Early in C# I saw some really ugly implementations of crypto from other
languages, for example. Often pretty obvious the person porting didn't
understand the new language well.

Some things hard in one language are easy in another, and it usually helps to
have a good understanding of both. Just my own POV. However, low level code
often requires one to do things "the hard way" for performance reasons. I
particularly appreciate what Go, Rust, C# and others bring to the table.

Most of the code I write isn't particularly performance intensive, so I tend
to reach for JS in early implementations. Though happy to rewrite if/when
performance becomes a concern. I really enjoy articles like this.

------
lukego
Since we are looking at PCI Ethernet drivers written in languages other than C
(fun!) here is one written in Forth too:
[https://github.com/openbios/openfirmware/blob/master/dev/ne2...](https://github.com/openbios/openfirmware/blob/master/dev/ne2000/ne2kpci.fth)

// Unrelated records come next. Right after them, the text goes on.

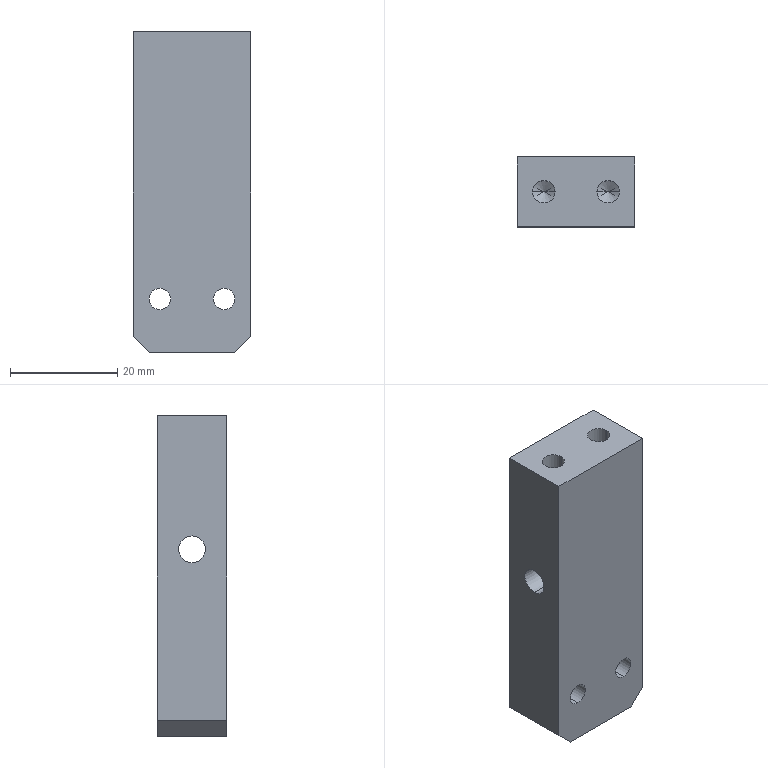Component | SolidWorks | A47-1 | 1 solid | 22 faces | box 22 x 13 x 60 mm | volume 15929 mm3 | cylinder 10 | plane 8 | cone 4 | commonest cylinder face diameters 4.2 x4 4 x4 5 x2 | material S136
build123d program:
from build123d import *

# Parameters (mm, degrees)
SKETCH1_W             = 60
SKETCH1_H             = 13
BOSS_EXTRUDE1_DEPTH   = 11
M5_TAPPED_HOLE3_D     = 5
M4_TAPPED_HOLE1_D     = 4
CHAMFER2_SIZE         = 3
M5_TAPPED_HOLE2_D     = 4.2
M5_TAPPED_HOLE2_DEPTH = 12.4
M5_TAPPED_HOLE2_TIP   = 1.262


with BuildPart() as part:
    # Sketch1 → Boss-Extrude1 (new, symmetric)
    with BuildSketch(Plane(origin=(0, 0, 0), x_dir=(0, 0, -1), z_dir=(1, 0, 0))):
        Rectangle(SKETCH1_W, SKETCH1_H)
    extrude(amount=BOSS_EXTRUDE1_DEPTH, both=True)

    # M5 Tapped Hole3 (through all)
    with Locations(Plane(origin=(11, 0, 0), x_dir=(0, 0, -1), z_dir=(1, 0, 0))):
        with Locations((-5, 0)):
            Hole(M5_TAPPED_HOLE3_D / 2)

    # M4 Tapped Hole1 (through all)
    with Locations(Plane(origin=(0, 6.5, 0), x_dir=(1, 0, 0), z_dir=(0, 1, 0))):
        with Locations((-6, 20), (6, 20)):
            Hole(M4_TAPPED_HOLE1_D / 2)

    # Chamfer2
    chamfer2_edges = [part.edges().sort_by_distance(p)[0] for p in [
        (11, 0, -30),
        (-11, 0, -30),
    ]]
    chamfer(chamfer2_edges, length=CHAMFER2_SIZE)

    # M5 Tapped Hole2
    with Locations(Plane.XY.offset(30)):
        with Locations((-6, 0), (6, 0)):
            Hole(M5_TAPPED_HOLE2_D / 2, depth=M5_TAPPED_HOLE2_DEPTH)
            with Locations((0, 0, -(M5_TAPPED_HOLE2_DEPTH + M5_TAPPED_HOLE2_TIP / 2))):  # 118° drill point
                Cone(0, M5_TAPPED_HOLE2_D / 2, M5_TAPPED_HOLE2_TIP, mode=Mode.SUBTRACT)


solid = part.part

# Placed as in the assembly
solid = solid.moved(Location((-6.351, 25.864, 0), (0, 0, 0)))
STEP:
#1=COLOUR_RGB('',0.7922,0.8196,0.9333);
#2=FILL_AREA_STYLE_COLOUR('',#1);
#3=FILL_AREA_STYLE('',(#2));
#4=SURFACE_STYLE_FILL_AREA(#3);
#5=SURFACE_SIDE_STYLE('',(#4));
#6=SURFACE_STYLE_USAGE(.BOTH.,#5);
#7=PRESENTATION_STYLE_ASSIGNMENT((#6));
#8=CARTESIAN_POINT('',(-0.5689,1.018,0.6929));
#9=VERTEX_POINT('',#8);
#10=CARTESIAN_POINT('',(-0.4036,1.018,0.6929));
#11=VERTEX_POINT('',#10);
#12=CARTESIAN_POINT('',(-0.4863,1.018,0.6929));
#13=DIRECTION('',(0.,0.,1.));
#14=DIRECTION('',(1.,0.,0.));
#15=AXIS2_PLACEMENT_3D('',#12,#13,#14);
#16=CIRCLE('',#15,0.08268);
#17=EDGE_CURVE('',#9,#11,#16,.T.);
#18=ORIENTED_EDGE('',*,*,#17,.F.);
#19=CARTESIAN_POINT('',(-0.5689,1.018,1.181));
#20=VERTEX_POINT('',#19);
#21=CARTESIAN_POINT('',(-0.5689,1.018,1.181));
#22=DIRECTION('',(0.,0.,1.));
#23=VECTOR('',#22,39.37);
#24=LINE('',#21,#23);
#25=EDGE_CURVE('',#9,#20,#24,.T.);
#26=ORIENTED_EDGE('',*,*,#25,.T.);
#27=CARTESIAN_POINT('',(-0.4036,1.018,1.181));
#28=VERTEX_POINT('',#27);
#29=CARTESIAN_POINT('',(-0.4863,1.018,1.181));
#30=DIRECTION('',(0.,0.,1.));
#31=DIRECTION('',(1.,0.,0.));
#32=AXIS2_PLACEMENT_3D('',#29,#30,#31);
#33=CIRCLE('',#32,0.08268);
#34=EDGE_CURVE('',#20,#28,#33,.T.);
#35=ORIENTED_EDGE('',*,*,#34,.T.);
#36=CARTESIAN_POINT('',(-0.4036,1.018,1.181));
#37=DIRECTION('',(0.,0.,1.));
#38=VECTOR('',#37,39.37);
#39=LINE('',#36,#38);
#40=EDGE_CURVE('',#11,#28,#39,.T.);
#41=ORIENTED_EDGE('',*,*,#40,.F.);
#42=EDGE_LOOP('',(#18,#26,#35,#41));
#43=FACE_OUTER_BOUND('',#42,.T.);
#44=CARTESIAN_POINT('',(-0.4863,1.018,1.181));
#45=DIRECTION('',(0.,0.,1.));
#46=DIRECTION('',(1.,0.,0.));
#47=AXIS2_PLACEMENT_3D('',#44,#45,#46);
#48=CYLINDRICAL_SURFACE('',#47,0.08268);
#49=ADVANCED_FACE('',(#43),#48,.F.);
#50=CARTESIAN_POINT('',(-0.4863,1.018,0.6432));
#51=VERTEX_POINT('',#50);
#52=CARTESIAN_POINT('',(-0.4036,1.018,0.6929));
#53=DIRECTION('',(0.8572,0.,0.515));
#54=VECTOR('',#53,39.37);
#55=LINE('',#52,#54);
#56=EDGE_CURVE('',#51,#11,#55,.T.);
#57=ORIENTED_EDGE('',*,*,#56,.F.);
#58=CARTESIAN_POINT('',(-0.5689,1.018,0.6929));
#59=DIRECTION('',(-0.8572,0.,0.515));
#60=VECTOR('',#59,39.37);
#61=LINE('',#58,#60);
#62=EDGE_CURVE('',#51,#9,#61,.T.);
#63=ORIENTED_EDGE('',*,*,#62,.T.);
#64=ORIENTED_EDGE('',*,*,#17,.T.);
#65=EDGE_LOOP('',(#57,#63,#64));
#66=FACE_OUTER_BOUND('',#65,.T.);
#67=CARTESIAN_POINT('',(-0.4863,1.018,0.6929));
#68=DIRECTION('',(0.,0.,1.));
#69=DIRECTION('',(1.,0.,0.));
#70=AXIS2_PLACEMENT_3D('',#67,#68,#69);
#71=CONICAL_SURFACE('',#70,0.08268,1.03);
#72=ADVANCED_FACE('',(#66),#71,.F.);
#73=CARTESIAN_POINT('',(-0.09649,1.018,0.6929));
#74=VERTEX_POINT('',#73);
#75=CARTESIAN_POINT('',(0.06887,1.018,0.6929));
#76=VERTEX_POINT('',#75);
#77=CARTESIAN_POINT('',(-0.01381,1.018,0.6929));
#78=DIRECTION('',(0.,0.,1.));
#79=DIRECTION('',(1.,0.,0.));
#80=AXIS2_PLACEMENT_3D('',#77,#78,#79);
#81=CIRCLE('',#80,0.08268);
#82=EDGE_CURVE('',#74,#76,#81,.T.);
#83=ORIENTED_EDGE('',*,*,#82,.F.);
#84=CARTESIAN_POINT('',(-0.09649,1.018,1.181));
#85=VERTEX_POINT('',#84);
#86=CARTESIAN_POINT('',(-0.09649,1.018,1.181));
#87=DIRECTION('',(0.,0.,1.));
#88=VECTOR('',#87,39.37);
#89=LINE('',#86,#88);
#90=EDGE_CURVE('',#74,#85,#89,.T.);
#91=ORIENTED_EDGE('',*,*,#90,.T.);
#92=CARTESIAN_POINT('',(0.06887,1.018,1.181));
#93=VERTEX_POINT('',#92);
#94=CARTESIAN_POINT('',(-0.01381,1.018,1.181));
#95=DIRECTION('',(0.,0.,1.));
#96=DIRECTION('',(1.,0.,0.));
#97=AXIS2_PLACEMENT_3D('',#94,#95,#96);
#98=CIRCLE('',#97,0.08268);
#99=EDGE_CURVE('',#85,#93,#98,.T.);
#100=ORIENTED_EDGE('',*,*,#99,.T.);
#101=CARTESIAN_POINT('',(0.06887,1.018,1.181));
#102=DIRECTION('',(0.,0.,1.));
#103=VECTOR('',#102,39.37);
#104=LINE('',#101,#103);
#105=EDGE_CURVE('',#76,#93,#104,.T.);
#106=ORIENTED_EDGE('',*,*,#105,.F.);
#107=EDGE_LOOP('',(#83,#91,#100,#106));
#108=FACE_OUTER_BOUND('',#107,.T.);
#109=CARTESIAN_POINT('',(-0.01381,1.018,1.181));
#110=DIRECTION('',(0.,0.,1.));
#111=DIRECTION('',(1.,0.,0.));
#112=AXIS2_PLACEMENT_3D('',#109,#110,#111);
#113=CYLINDRICAL_SURFACE('',#112,0.08268);
#114=ADVANCED_FACE('',(#108),#113,.F.);
#115=CARTESIAN_POINT('',(-0.01381,1.018,0.6432));
#116=VERTEX_POINT('',#115);
#117=CARTESIAN_POINT('',(0.06887,1.018,0.6929));
#118=DIRECTION('',(0.8572,0.,0.515));
#119=VECTOR('',#118,39.37);
#120=LINE('',#117,#119);
#121=EDGE_CURVE('',#116,#76,#120,.T.);
#122=ORIENTED_EDGE('',*,*,#121,.F.);
#123=CARTESIAN_POINT('',(-0.09649,1.018,0.6929));
#124=DIRECTION('',(-0.8572,0.,0.515));
#125=VECTOR('',#124,39.37);
#126=LINE('',#123,#125);
#127=EDGE_CURVE('',#116,#74,#126,.T.);
#128=ORIENTED_EDGE('',*,*,#127,.T.);
#129=ORIENTED_EDGE('',*,*,#82,.T.);
#130=EDGE_LOOP('',(#122,#128,#129));
#131=FACE_OUTER_BOUND('',#130,.T.);
#132=CARTESIAN_POINT('',(-0.01381,1.018,0.6929));
#133=DIRECTION('',(0.,0.,1.));
#134=DIRECTION('',(1.,0.,0.));
#135=AXIS2_PLACEMENT_3D('',#132,#133,#134);
#136=CONICAL_SURFACE('',#135,0.08268,1.03);
#137=ADVANCED_FACE('',(#131),#136,.F.);
#138=CARTESIAN_POINT('',(-0.4863,0.7624,-0.8661));
#139=VERTEX_POINT('',#138);
#140=CARTESIAN_POINT('',(-0.4863,0.7624,-0.7087));
#141=VERTEX_POINT('',#140);
#142=CARTESIAN_POINT('',(-0.4863,0.7624,-0.7874));
#143=DIRECTION('',(0.,1.,0.));
#144=DIRECTION('',(0.,0.,1.));
#145=AXIS2_PLACEMENT_3D('',#142,#143,#144);
#146=CIRCLE('',#145,0.07874);
#147=EDGE_CURVE('',#139,#141,#146,.T.);
#148=ORIENTED_EDGE('',*,*,#147,.F.);
#149=CARTESIAN_POINT('',(-0.4863,1.274,-0.8661));
#150=VERTEX_POINT('',#149);
#151=CARTESIAN_POINT('',(-0.4863,1.274,-0.8661));
#152=DIRECTION('',(0.,1.,0.));
#153=VECTOR('',#152,39.37);
#154=LINE('',#151,#153);
#155=EDGE_CURVE('',#139,#150,#154,.T.);
#156=ORIENTED_EDGE('',*,*,#155,.T.);
#157=CARTESIAN_POINT('',(-0.4863,1.274,-0.7087));
#158=VERTEX_POINT('',#157);
#159=CARTESIAN_POINT('',(-0.4863,1.274,-0.7874));
#160=DIRECTION('',(0.,1.,0.));
#161=DIRECTION('',(0.,0.,1.));
#162=AXIS2_PLACEMENT_3D('',#159,#160,#161);
#163=CIRCLE('',#162,0.07874);
#164=EDGE_CURVE('',#150,#158,#163,.T.);
#165=ORIENTED_EDGE('',*,*,#164,.T.);
#166=CARTESIAN_POINT('',(-0.4863,1.274,-0.7087));
#167=DIRECTION('',(0.,1.,0.));
#168=VECTOR('',#167,39.37);
#169=LINE('',#166,#168);
#170=EDGE_CURVE('',#141,#158,#169,.T.);
#171=ORIENTED_EDGE('',*,*,#170,.F.);
#172=EDGE_LOOP('',(#148,#156,#165,#171));
#173=FACE_OUTER_BOUND('',#172,.T.);
#174=CARTESIAN_POINT('',(-0.4863,1.274,-0.7874));
#175=DIRECTION('',(0.,1.,0.));
#176=DIRECTION('',(0.,0.,1.));
#177=AXIS2_PLACEMENT_3D('',#174,#175,#176);
#178=CYLINDRICAL_SURFACE('',#177,0.07874);
#179=ADVANCED_FACE('',(#173),#178,.F.);
#180=CARTESIAN_POINT('',(-0.01381,0.7624,-0.8661));
#181=VERTEX_POINT('',#180);
#182=CARTESIAN_POINT('',(-0.01381,0.7624,-0.7087));
#183=VERTEX_POINT('',#182);
#184=CARTESIAN_POINT('',(-0.01381,0.7624,-0.7874));
#185=DIRECTION('',(0.,1.,0.));
#186=DIRECTION('',(0.,0.,1.));
#187=AXIS2_PLACEMENT_3D('',#184,#185,#186);
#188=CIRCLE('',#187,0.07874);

Good to remember that C and Unix kernels haven't always had a monopoly on
device drivers.

------
jononor
The Rust version of ixy seems to have as many or a bit more lines of code than
the C version? That is a bit suprising to me. 1306 for Rust, and '1000' for C.
The Rust additionally uses 4 dependencies from crates.io

Unsafe usage is quite small, at 10%, which seems good for a hardware device
driver.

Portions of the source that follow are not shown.